Friday, March 29, 2013

Douglas Messerli | "The Devil Meets His Angel" (on Wagner's The Flying Dutchman)



the devil meets his angel

Richard Wagner (libretto and music) Der fliegender Holläder (The Flying Dutchman) / Los Angeles Opera, the production I attended was a matinee performance on Sunday, March 24, 2013

 
Wagner’s 1843 opera Der fliegender Holländer was perhaps the first in which he truly found the voice he expresses so profoundly in his later operas. However, there are also in this work several elements of comic opera that link him, for moments, with Rossini and other comic composers, particularly in the role of Senta’s father, Daland (James Creswell), and in the “second act” spinning song.

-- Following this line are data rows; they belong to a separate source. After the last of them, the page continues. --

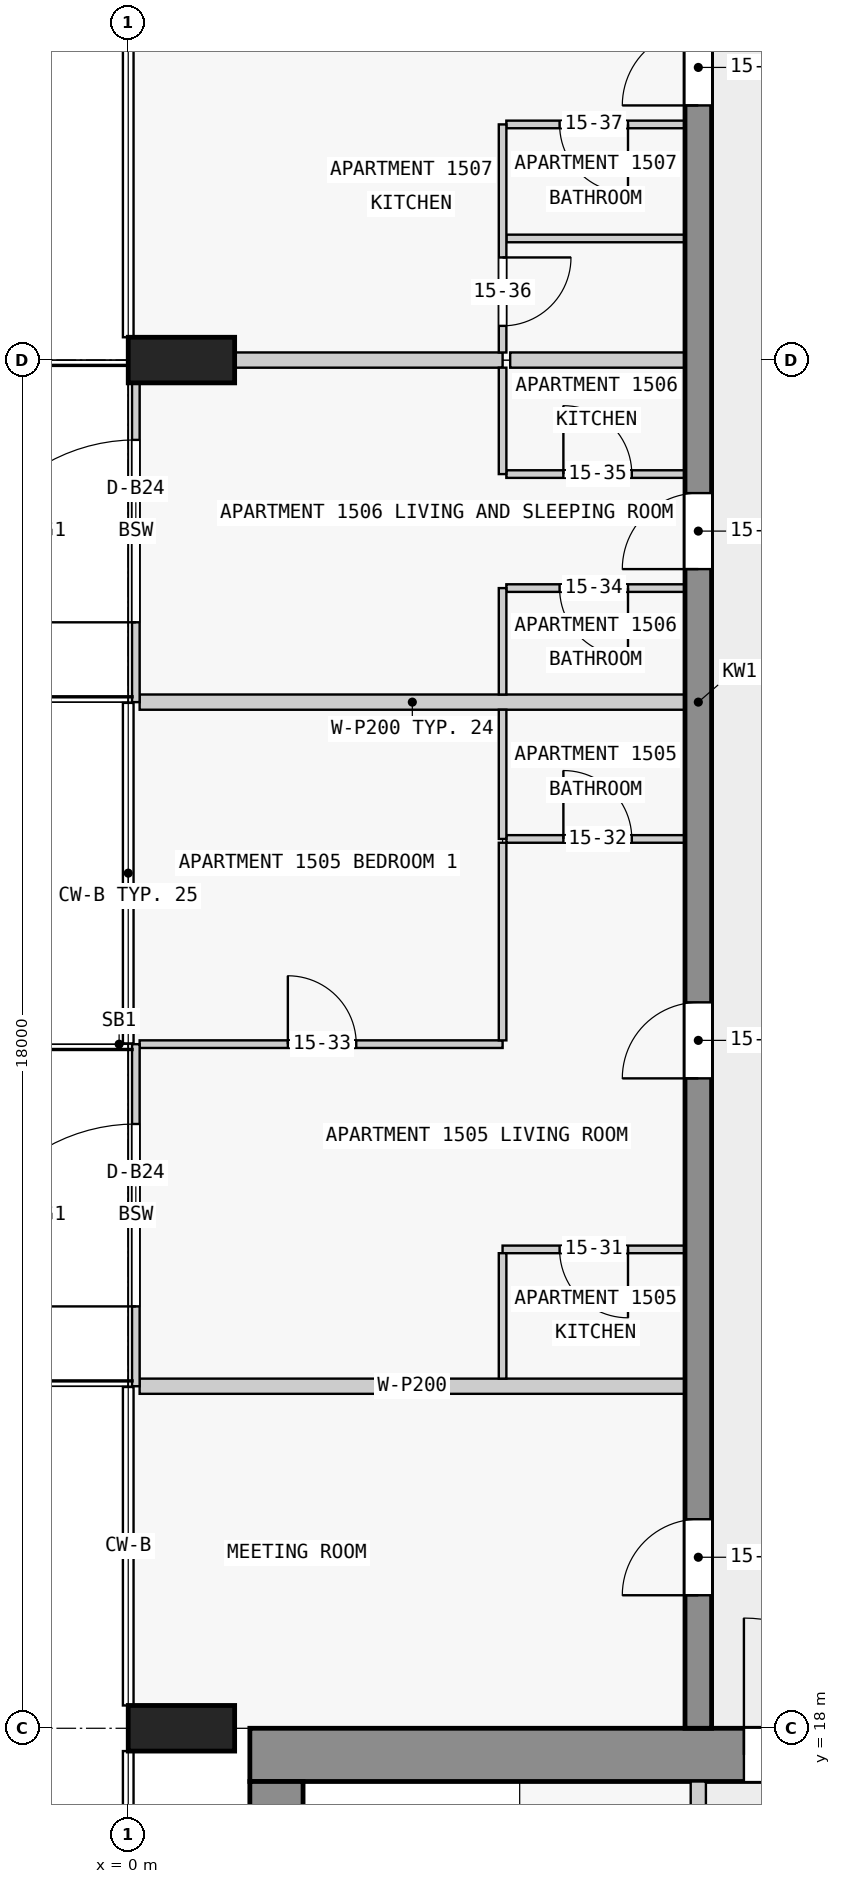
"""IFC4 building model, lengths in metres.
Left out: names, types, materials, properties, quantities, classifications, styles, units other than length and angle.
Written with IfcOpenShell. Run it as: python <this file> out.ifc"""

import sys

from ifc_helpers import new_model, si_unit, direction, frame, frame_2d, origin, origin_2d, place, context, subcontext, project, spatial, rectangle, extrude, element, fill, save


model = new_model("IFC4")
c1 = context("Model", 3, precision=1e-05, world=origin(), true_north=direction((0.0, 1.0)))
c2 = subcontext(c1, "Body", "Model", "MODEL_VIEW")
j1 = project(units=[si_unit("LENGTHUNIT", "METRE"), si_unit("PLANEANGLEUNIT", "RADIAN")], contexts=[c1])
p1 = place(None, origin())
s1 = spatial("IfcSite", under=j1, at=p1, CompositionType="ELEMENT")
p2 = place(p1, origin())
s2 = spatial("IfcBuilding", under=s1, at=p2, CompositionType="ELEMENT")
p3 = place(p2, frame((0.0, 0.0, 61.8)))
s3 = spatial("IfcBuildingStorey", under=s2, at=p3, CompositionType="ELEMENT", Elevation=61.8)
for number, where, z_axis, x_axis in (
    (1, (0.7, 36.0, 0.0), (0.0, 0.0, 1.0), (0.0, 1.0, 0.0)),
    (2, (0.7, 18.0, 0.0), (0.0, 0.0, 1.0), (0.0, 1.0, 0.0)),
):
    element("IfcColumn", number, at=place(p3, frame(where, z_axis=z_axis, x_axis=x_axis)), inside=s3, PredefinedType="COLUMN", context=c2, shape_type="SweptSolid", body=[
        extrude(rectangle(XDim=0.6, YDim=1.4, at=origin_2d()), origin(), (0.0, 0.0, 1.0), 3.5),
    ])
p4 = place(p3, frame((1.6, 17.65, 0.0), z_axis=(0.0, 0.0, 1.0), x_axis=(1.0, 0.0, 0.0)))
e3 = element("IfcWall", 3, at=p4, inside=s3, PredefinedType="SHEAR", context=c2, shape_type="SweptSolid", body=[
    extrude(rectangle(XDim=20.9, YDim=0.7, at=frame_2d((10.45, 0.0))), origin(), (0.0, 0.0, 1.0), 3.25),
])
p5 = place(p4, frame((6.5, 0.0, 0.0)))
e4 = element("IfcOpeningElement", 4, at=p5, cuts=e3, PredefinedType="OPENING", context=c2, shape_type="SweptSolid", body=[
    extrude(rectangle(XDim=1.8, YDim=2.1, at=frame_2d((0.9, 1.05))), frame((0.0, 0.36, 0.0), z_axis=(0.0, -1.0, 0.0), x_axis=(1.0, 0.0, 0.0)), (0.0, 0.0, 1.0), 0.72),
])
p6 = place(p3, frame((1.95, 2.5, 0.0), z_axis=(0.0, 0.0, 1.0), x_axis=(0.0, 1.0, 0.0)))
e5 = element("IfcWall", 5, at=p6, inside=s3, PredefinedType="SHEAR", context=c2, shape_type="SweptSolid", body=[
    extrude(rectangle(XDim=14.8, YDim=0.7, at=frame_2d((7.4, 0.0))), origin(), (0.0, 0.0, 1.0), 3.25),
])
p7 = place(p3, frame((7.5, 18.0, 0.0), z_axis=(0.0, 0.0, 1.0), x_axis=(0.0, 1.0, 0.0)))
e6 = element("IfcWall", 6, at=p7, inside=s3, PredefinedType="SHEAR", context=c2, shape_type="SweptSolid", body=[
    extrude(rectangle(XDim=27.0, YDim=0.35, at=frame_2d((13.5, 0.0))), origin(), (0.0, 0.0, 1.0), 3.25),
])
p8 = place(p7, frame((1.75, 0.0, 0.0)))
e7 = element("IfcOpeningElement", 7, at=p8, cuts=e6, PredefinedType="OPENING", context=c2, shape_type="SweptSolid", body=[
    extrude(rectangle(XDim=1.0, YDim=2.1, at=frame_2d((0.5, 1.05))), frame((0.0, 0.185, 0.0), z_axis=(0.0, -1.0, 0.0), x_axis=(1.0, 0.0, 0.0)), (0.0, 0.0, 1.0), 0.37),
])
p9 = place(p7, frame((8.55, 0.0, 0.0)))
e8 = element("IfcOpeningElement", 8, at=p9, cuts=e6, PredefinedType="OPENING", context=c2, shape_type="SweptSolid", body=[
    extrude(rectangle(XDim=1.0, YDim=2.1, at=frame_2d((0.5, 1.05))), frame((0.0, 0.185, 0.0), z_axis=(0.0, -1.0, 0.0), x_axis=(1.0, 0.0, 0.0)), (0.0, 0.0, 1.0), 0.37),
])
p10 = place(p7, frame((15.25, 0.0, 0.0)))
e9 = element("IfcOpeningElement", 9, at=p10, cuts=e6, PredefinedType="OPENING", context=c2, shape_type="SweptSolid", body=[
    extrude(rectangle(XDim=1.0, YDim=2.1, at=frame_2d((0.5, 1.05))), frame((0.0, 0.185, 0.0), z_axis=(0.0, -1.0, 0.0), x_axis=(1.0, 0.0, 0.0)), (0.0, 0.0, 1.0), 0.37),
])
p11 = place(p7, frame((21.35, 0.0, 0.0)))
e10 = element("IfcOpeningElement", 10, at=p11, cuts=e6, PredefinedType="OPENING", context=c2, shape_type="SweptSolid", body=[
    extrude(rectangle(XDim=1.0, YDim=2.1, at=frame_2d((0.5, 1.05))), frame((0.0, 0.185, 0.0), z_axis=(0.0, -1.0, 0.0), x_axis=(1.0, 0.0, 0.0)), (0.0, 0.0, 1.0), 0.37),
])
p12 = place(p3, frame((0.1, 22.5, 0.0), z_axis=(0.0, 0.0, 1.0), x_axis=(0.0, 1.0, 0.0)))
e11 = element("IfcWall", 11, at=p12, inside=s3, PredefinedType="STANDARD", context=c2, shape_type="SweptSolid", body=[
    extrude(rectangle(XDim=4.5, YDim=0.1, at=frame_2d((2.25, 0.0))), origin(), (0.0, 0.0, 1.0), 3.25),
])
p13 = place(p12, frame((1.05, 0.0, 0.0)))
e12 = element("IfcOpeningElement", 12, at=p13, cuts=e11, PredefinedType="OPENING", context=c2, shape_type="SweptSolid", body=[
    extrude(rectangle(XDim=2.4, YDim=2.4, at=frame_2d((1.2, 1.2))), frame((0.0, 0.06, 0.0), z_axis=(0.0, -1.0, 0.0), x_axis=(1.0, 0.0, 0.0)), (0.0, 0.0, 1.0), 0.12),
])
p14 = place(p3, frame((0.1, 31.5, 0.0), z_axis=(0.0, 0.0, 1.0), x_axis=(0.0, 1.0, 0.0)))
e13 = element("IfcWall", 13, at=p14, inside=s3, PredefinedType="STANDARD", context=c2, shape_type="SweptSolid", body=[
    extrude(rectangle(XDim=4.5, YDim=0.1, at=frame_2d((2.25, 0.0))), origin(), (0.0, 0.0, 1.0), 3.25),
])
p15 = place(p14, frame((1.05, 0.0, 0.0)))
e14 = element("IfcOpeningElement", 14, at=p15, cuts=e13, PredefinedType="OPENING", context=c2, shape_type="SweptSolid", body=[
    extrude(rectangle(XDim=2.4, YDim=2.4, at=frame_2d((1.2, 1.2))), frame((0.0, 0.06, 0.0), z_axis=(0.0, -1.0, 0.0), x_axis=(1.0, 0.0, 0.0)), (0.0, 0.0, 1.0), 0.12),
])
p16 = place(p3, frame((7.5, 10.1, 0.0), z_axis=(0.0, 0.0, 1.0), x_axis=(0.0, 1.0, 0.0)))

The comedic elements were stressed in this production by Nikolaus Lehnhoff, first performed by the Lyric Opera of Chicago, particularly in the costumes designed by Andrea Schmidt-Futterer, with the high-piled wig of Daland and the honey-bee mirrored dresses of the spinners—all of which distracted, it seems to me, instead contributing to the heart of this work, the darkly-haunted hero doomed for centuries to sail the oceans and the woman destined to save him.
      
  The sets, moreover, expressed their story literally with smoke and mirrors, which again, despite the sometimes beautiful effects, undercuts the darker elements of the work. Perhaps we needed some distraction from The Dutchman’s (Tómas Tómasson’s) lovely but rather small voice. Elisabete Matos, however, sang wonderfully as Senta, and Matthew Plenk, as the Steersman, performed as a lovely lyrical tenor.          
     Wagner’s tale, however, is far stranger: basically, as my companion Howard reacted, The Flying Dutchman is a kind of vampire story—without the bites! I immediately agreed. Indeed when one compares the idea of a group of sailors being forced to sail around the world endlessly, miraculously surviving their adventures because of their damnation, one is quickly reminded of F. W. Murnau’s Nosferatu, wherein the entire crew of the ship upon which undead man is coffined, die, the ship becoming overwhelmed, upon its eventual arrival in England, with rats.
      Like Nosferatu, The Dutchman is damned by the devil, and like the vampire, he can find death only through the hands of a pure and faithful woman. Just as Gretchen, reading a book her husband has brought back from Transylvania, believes she must sacrifice herself to the vampire in order to kill him, so is Senta convinced by the ballad of the Dutchman that she is destined, in her love and faithfulness, to save the wandering sailor by joining him in death. And the implications of the central character, who lives primarily in an all-male world, being unable to find a woman who might be faithful to him has the same implications as does the vampire’s attraction to Hutter in Nosferatu, which also explains, in some ways, the odd scene in which the young women of this Norwegian fishing village, are unable to lure the Dutchman’s sailors into their arms, and why they flee upon seeing them. With his pale white skin and long black cape, indeed, The Dutchman strikes a figure that is not unlike the great Bela Lugosi.
    Although the Dutchman is attracted to Senta, it may be more for her magic powers of freeing him from his doom, than it is about sexual love. He
has, somewhat comically, already asked for her hand from her father without even seeing her, and when the two do meet, they are both speechless, The Dutchman, an emissary of the Devil, is particularly afraid of what he asking from this angel in making a spiritual contract with him. This helps also explain why, even though Senta has rejected the pleas of love from the simple hunter, Erik, the Dutchman immediately presumes the worst, cursing her for her lack of faithfulness, not even permitting her the possibility to explain before he sulks off into the distance. One has the odd feeling throughout The Flying Dutchman that part of the Dutchman and his crew prefer their long ocean voyages to the company of the bourgeois fishers of the towns they visit every seven years.
      It is these slightly inexplicable elements of Wagner’s retelling of this story that actually lend The Flying Dutchman its richness and philosophical depths. The Dutchman may be, as Senta expresses it, someone to feel sorry for, a man of despair, but he is also clearly a man that someone like Senta, in her youth and beauty—just as Erik tries to explain to her—that she should abhor. Her very attraction to him reveals that she is not only an “outsider” in the community, but is compulsively suicidal, determined to face off with the devil in a world where she might have found peace, joy, and, with the gift from the Dutchman to her father, wealth. Yet this behavior of beings who do not allow themselves to “fit into” the world is precisely what transforms Wagner’s figures into such memorably mythical types.
     In Wagner’s world, a fulfilling and sustained love between the sexes is seldom possible, and even when it exists, is momentary at best. Marriage is either insufferable or transitory. And angels such as Senta, or even gods such as Brünnhilde must sacrifice themselves so that their men and mankind itself can be granted salvation.